In de publicatie worden klagers ervan beschuldigd dat zij zich onbereikbaar maken voor de kinderen uit het eerdere huwelijk van X en het contact met hun broertje onmogelijk maken. Gesuggereerd wordt dat klagers voor hun (stief)kinderen onvindbaar zouden zijn. Klagers hebben aannemelijk gemaakt dat een en ander onjuist is. Het schrijven bevat aldus ernstige, grievende beschuldigingen aan het adres van klagers, terwijl niet is gebleken dat daarvoor voldoende grondslag bestond. Verweerder heeft derhalve met plaatsing van het stuk journalistiek onzorgvuldig jegens klagers gehandeld. Trefwoorden:

· Journalistieke werkwijze: bronnen

· Feitenweergave: grievende, tendentieuze berichtgeving
· Rectificatie/weerwoord: ingezonden brieven Publicatie op www.rvdj.nl/2007/30

H.C. van Loenen / De Telegraaf
Uitspraak: gegrond
In De Telegraaf is een artikel geplaatst over een familiedrama, dat heeft plaatsgevonden in de straat waar klager woont. Onder de subkop "Ramenlappen" zijn citaten opgenomen die afkomstig zouden zijn van klager, waarbij zijn volledige naam is vermeld. Klager heeft gesteld dat hij geen commentaar op het familiedrama heeft gegeven aan de betrokken journalist en dat de citaten in het artikel dus niet van hem afkomstig zijn. Nu deze stellingen niet door verweerder zijn weersproken en deze de Raad niet als evident onjuist voorkomen, acht de Raad aannemelijk dat in het artikel ten onrechte citaten aan klager zijn toegeschreven.
Verder is niet gebleken dat met de vermelding van klagers naam een maatschappelijk belang is gediend, dat bovendien zwaarder weegt dan het individuele belang van klager. Het artikel had voor wat betreft de aanduiding van klager - áls hij informatie zou hebben gegeven - geanonimiseerd kunnen worden, zonder dat afbreuk zou zijn gedaan aan de inhoud en nieuwswaarde ervan. (zie punt 2.4.1. van de Leidraad van de Raad voor de Journalistiek)
Een en ander leidt tot de slotsom dat verweerder grenzen heeft overschreden van hetgeen, gelet op de eisen van journalistieke verantwoordelijkheid, maatschappelijk aanvaardbaar is. Trefwoorden:

· Privacy: vermelding van persoonlijke gegevens
· Aard van de publicatie: citaat
Publicatie op www.rvdj.nl/2007/31

---

Uitspraken vastgesteld d.d. 31 mei 2007
door mr. A. Herstel, voorzitter, dr. M.J. Broersma, mw. F.W. Dresselhuys, mw. drs. P.C.J. van Schaveren en mr. A.H. Schmeink, leden, in tegenwoordigheid van mw. mr. D.C. Koene, secretaris.

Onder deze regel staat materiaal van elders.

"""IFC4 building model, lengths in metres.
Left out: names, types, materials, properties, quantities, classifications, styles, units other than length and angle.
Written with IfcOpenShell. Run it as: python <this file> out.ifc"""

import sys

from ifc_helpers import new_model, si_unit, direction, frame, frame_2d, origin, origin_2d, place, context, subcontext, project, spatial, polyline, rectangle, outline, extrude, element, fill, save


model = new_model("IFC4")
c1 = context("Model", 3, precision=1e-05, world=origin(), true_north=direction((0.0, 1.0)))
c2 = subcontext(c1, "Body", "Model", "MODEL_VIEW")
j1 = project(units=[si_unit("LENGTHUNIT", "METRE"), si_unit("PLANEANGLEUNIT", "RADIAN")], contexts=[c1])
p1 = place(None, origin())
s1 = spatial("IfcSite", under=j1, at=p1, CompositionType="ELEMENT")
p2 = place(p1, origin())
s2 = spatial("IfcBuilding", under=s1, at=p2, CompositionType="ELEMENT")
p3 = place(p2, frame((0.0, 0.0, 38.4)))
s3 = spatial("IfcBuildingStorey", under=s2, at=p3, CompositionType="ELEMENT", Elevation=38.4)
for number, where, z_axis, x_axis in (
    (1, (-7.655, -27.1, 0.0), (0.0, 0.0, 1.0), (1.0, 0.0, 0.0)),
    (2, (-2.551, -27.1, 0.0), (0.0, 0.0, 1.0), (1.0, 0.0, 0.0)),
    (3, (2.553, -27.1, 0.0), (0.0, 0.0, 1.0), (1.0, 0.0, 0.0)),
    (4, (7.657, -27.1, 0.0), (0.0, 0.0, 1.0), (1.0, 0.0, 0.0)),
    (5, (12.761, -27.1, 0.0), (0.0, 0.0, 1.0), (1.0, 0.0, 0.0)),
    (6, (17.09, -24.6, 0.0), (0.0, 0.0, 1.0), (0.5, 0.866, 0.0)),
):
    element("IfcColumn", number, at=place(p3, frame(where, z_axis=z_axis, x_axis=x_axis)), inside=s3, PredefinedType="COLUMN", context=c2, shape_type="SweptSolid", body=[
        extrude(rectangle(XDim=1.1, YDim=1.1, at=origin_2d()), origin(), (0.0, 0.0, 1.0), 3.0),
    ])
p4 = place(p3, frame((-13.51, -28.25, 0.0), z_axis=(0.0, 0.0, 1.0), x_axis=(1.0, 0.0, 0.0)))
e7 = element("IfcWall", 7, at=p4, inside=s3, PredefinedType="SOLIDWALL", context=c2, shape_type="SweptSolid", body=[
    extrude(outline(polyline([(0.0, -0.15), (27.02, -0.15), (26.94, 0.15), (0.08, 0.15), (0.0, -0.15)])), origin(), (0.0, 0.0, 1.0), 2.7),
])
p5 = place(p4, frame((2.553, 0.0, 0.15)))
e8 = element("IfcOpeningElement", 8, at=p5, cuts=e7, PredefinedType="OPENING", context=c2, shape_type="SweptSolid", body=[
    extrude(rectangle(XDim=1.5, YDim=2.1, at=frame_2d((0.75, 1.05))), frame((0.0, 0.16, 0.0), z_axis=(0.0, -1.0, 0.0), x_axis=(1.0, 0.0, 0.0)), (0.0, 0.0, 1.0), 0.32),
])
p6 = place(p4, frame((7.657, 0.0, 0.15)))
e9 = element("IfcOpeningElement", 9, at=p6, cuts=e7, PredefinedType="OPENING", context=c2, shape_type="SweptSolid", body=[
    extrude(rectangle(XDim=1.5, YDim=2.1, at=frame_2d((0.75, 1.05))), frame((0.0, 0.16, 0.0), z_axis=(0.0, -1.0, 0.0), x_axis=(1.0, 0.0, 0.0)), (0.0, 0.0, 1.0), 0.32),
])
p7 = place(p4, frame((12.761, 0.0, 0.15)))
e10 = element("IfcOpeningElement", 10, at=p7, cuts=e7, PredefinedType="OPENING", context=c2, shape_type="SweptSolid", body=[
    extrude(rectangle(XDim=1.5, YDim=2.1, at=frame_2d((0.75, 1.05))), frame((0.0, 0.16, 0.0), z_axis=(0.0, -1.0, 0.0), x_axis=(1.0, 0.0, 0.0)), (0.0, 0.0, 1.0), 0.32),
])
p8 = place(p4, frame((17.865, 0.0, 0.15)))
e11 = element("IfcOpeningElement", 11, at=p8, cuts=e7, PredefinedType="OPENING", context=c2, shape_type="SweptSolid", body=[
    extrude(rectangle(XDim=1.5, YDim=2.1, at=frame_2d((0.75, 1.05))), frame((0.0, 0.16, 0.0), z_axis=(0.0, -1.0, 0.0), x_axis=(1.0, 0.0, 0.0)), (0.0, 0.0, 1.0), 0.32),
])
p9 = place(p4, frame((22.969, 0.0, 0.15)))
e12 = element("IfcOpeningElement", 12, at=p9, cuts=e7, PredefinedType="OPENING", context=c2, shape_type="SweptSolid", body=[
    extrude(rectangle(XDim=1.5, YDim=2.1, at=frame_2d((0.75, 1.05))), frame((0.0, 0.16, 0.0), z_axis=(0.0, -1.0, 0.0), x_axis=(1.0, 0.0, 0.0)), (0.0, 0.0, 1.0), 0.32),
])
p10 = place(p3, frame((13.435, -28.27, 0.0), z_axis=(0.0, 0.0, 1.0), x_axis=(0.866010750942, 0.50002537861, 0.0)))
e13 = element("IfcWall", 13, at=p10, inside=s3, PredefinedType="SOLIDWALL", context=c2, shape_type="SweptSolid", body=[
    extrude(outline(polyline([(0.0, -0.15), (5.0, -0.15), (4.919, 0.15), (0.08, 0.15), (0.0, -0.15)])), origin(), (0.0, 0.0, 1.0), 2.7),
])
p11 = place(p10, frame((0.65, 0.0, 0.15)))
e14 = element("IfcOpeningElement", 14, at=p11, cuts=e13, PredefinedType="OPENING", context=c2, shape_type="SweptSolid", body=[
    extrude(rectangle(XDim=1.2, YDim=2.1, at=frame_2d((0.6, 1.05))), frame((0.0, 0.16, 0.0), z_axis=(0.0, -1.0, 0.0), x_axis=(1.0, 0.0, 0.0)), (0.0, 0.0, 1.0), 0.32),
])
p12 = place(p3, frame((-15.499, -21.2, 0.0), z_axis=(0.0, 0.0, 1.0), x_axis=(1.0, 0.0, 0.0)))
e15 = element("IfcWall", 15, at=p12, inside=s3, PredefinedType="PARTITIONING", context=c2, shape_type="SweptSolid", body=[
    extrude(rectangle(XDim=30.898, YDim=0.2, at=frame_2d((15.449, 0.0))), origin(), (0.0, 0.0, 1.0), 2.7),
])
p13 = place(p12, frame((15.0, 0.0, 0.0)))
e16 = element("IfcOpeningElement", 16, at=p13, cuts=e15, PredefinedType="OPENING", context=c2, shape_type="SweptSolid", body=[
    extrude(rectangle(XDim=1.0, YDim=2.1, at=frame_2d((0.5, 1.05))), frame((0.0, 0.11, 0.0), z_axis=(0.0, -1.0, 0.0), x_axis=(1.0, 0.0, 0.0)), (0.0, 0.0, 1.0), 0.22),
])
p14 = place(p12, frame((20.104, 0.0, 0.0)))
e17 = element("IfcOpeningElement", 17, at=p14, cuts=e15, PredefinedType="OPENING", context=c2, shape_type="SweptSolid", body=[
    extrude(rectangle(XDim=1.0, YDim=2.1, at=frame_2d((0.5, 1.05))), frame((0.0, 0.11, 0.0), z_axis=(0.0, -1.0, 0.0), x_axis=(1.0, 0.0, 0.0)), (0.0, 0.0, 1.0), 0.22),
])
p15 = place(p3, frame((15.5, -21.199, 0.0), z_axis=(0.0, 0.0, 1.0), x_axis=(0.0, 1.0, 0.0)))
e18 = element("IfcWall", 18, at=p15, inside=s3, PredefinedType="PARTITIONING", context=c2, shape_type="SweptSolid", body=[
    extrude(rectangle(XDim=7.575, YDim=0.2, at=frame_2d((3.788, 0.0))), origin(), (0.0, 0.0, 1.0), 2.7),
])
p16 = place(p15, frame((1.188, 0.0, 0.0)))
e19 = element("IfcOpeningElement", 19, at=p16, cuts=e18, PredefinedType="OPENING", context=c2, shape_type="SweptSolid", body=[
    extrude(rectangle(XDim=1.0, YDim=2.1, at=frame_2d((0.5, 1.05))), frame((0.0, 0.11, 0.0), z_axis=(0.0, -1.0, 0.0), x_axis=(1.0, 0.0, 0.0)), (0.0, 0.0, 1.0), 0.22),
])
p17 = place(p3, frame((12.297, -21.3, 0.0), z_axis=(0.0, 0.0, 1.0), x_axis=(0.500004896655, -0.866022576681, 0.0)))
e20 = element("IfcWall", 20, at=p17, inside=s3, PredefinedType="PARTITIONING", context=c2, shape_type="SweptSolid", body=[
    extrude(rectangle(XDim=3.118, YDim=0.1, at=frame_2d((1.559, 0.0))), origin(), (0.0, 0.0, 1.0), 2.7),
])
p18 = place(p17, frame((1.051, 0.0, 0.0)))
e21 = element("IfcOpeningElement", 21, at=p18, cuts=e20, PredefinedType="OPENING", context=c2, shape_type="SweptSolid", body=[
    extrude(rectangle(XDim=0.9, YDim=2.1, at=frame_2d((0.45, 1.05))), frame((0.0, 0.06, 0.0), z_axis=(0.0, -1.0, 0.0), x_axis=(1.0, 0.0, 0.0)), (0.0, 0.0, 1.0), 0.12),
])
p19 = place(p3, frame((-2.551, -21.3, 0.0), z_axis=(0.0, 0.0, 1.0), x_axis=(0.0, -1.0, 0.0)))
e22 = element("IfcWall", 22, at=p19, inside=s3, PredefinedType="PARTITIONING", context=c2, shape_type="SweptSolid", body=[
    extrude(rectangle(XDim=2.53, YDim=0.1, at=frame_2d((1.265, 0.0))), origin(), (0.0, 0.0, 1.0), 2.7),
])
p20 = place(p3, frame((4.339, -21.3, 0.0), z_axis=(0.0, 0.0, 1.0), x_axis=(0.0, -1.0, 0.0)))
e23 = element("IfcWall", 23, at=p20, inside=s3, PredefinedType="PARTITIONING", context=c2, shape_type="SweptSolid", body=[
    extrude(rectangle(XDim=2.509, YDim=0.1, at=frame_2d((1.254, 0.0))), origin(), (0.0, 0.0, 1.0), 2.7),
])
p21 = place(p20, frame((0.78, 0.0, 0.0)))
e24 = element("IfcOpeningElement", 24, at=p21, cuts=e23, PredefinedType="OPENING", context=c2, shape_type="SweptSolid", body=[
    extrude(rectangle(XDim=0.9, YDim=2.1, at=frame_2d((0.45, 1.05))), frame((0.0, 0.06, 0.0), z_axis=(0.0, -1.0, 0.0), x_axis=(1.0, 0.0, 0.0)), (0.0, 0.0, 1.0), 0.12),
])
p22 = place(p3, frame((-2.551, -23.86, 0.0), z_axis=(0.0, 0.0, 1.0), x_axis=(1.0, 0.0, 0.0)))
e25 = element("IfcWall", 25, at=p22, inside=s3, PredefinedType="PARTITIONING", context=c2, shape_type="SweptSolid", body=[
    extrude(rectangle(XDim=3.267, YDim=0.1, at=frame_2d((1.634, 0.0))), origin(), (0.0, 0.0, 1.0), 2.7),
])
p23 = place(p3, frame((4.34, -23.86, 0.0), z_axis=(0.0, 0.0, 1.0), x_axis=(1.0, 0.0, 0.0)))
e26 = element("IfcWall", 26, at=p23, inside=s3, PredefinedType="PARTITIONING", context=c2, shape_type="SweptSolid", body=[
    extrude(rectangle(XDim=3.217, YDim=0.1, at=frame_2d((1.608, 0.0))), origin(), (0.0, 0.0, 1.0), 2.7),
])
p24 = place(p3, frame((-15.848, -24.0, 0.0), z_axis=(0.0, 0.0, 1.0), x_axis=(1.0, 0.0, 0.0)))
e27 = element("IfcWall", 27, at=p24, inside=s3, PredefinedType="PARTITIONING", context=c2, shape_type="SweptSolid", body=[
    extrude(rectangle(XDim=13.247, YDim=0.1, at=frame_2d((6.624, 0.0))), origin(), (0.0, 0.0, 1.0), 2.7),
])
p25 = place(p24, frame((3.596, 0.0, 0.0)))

drs. M. Bosma, MA / de Volkskrant
Uitspraak: gegrond c.q. onthouding oordeel
In de Volkskrant is het artikel "Geerts stille opportunisten" verschenen, dat onder meer gaat over klager. De Raad stelt voorop dat een journalist bij het schrijven van een portret/profiel niet neutraal te werk hoeft te gaan. Hij heeft echter een eigen verantwoordelijkheid de door hem verkregen gegevens te wegen en te toetsen, teneinde ervoor zorg te dragen dat het geschetste beeld geen onrecht doet aan de geportretteerde. Naarmate dat beeld negatiever is, bestaat meer aanleiding voor bijzondere zorgvuldigheid ten aanzien van de juistheid en evenwichtigheid van de vermelde feiten. (vgl. RvdJ 2006/45 en RvdJ 2002/45)
De Raad is van mening dat de kwalificatie `opportunist' en de zinsnede `noemde hij zichzelf journalist' - zeker in combinatie met zinsneden als `dat werken was relatief', `zijn loopbaan kende tot dusver weinig hoogtepunten' en `zijn journalistieke bezigheden waren te onbeduidend'
- een uitermate negatieve connotatie hebben. Verweerder had deze beweringen niet zonder deugdelijke grondslag mogen publiceren en een dergelijke grondslag ontbreekt.
Verder heeft verweerder erkend dat de publicatie onjuist is voor zover het de passages over het CV van verweerder en de echtgenote van klager betreft. Hij heeft aangevoerd dat hij op twee punten rectificatie heeft aangeboden, maar dat klager en zijn echtgenote dat niet hebben geaccepteerd. Het had echter op de weg van verweerder gelegen in ieder geval de door hem erkende onjuistheden eigener beweging recht te zetten en hij heeft dat ten onrechte nagelaten. Door te handelen en na te laten als hiervoor bedoeld, heeft verweerder journalistiek onzorgvuldig gehandeld.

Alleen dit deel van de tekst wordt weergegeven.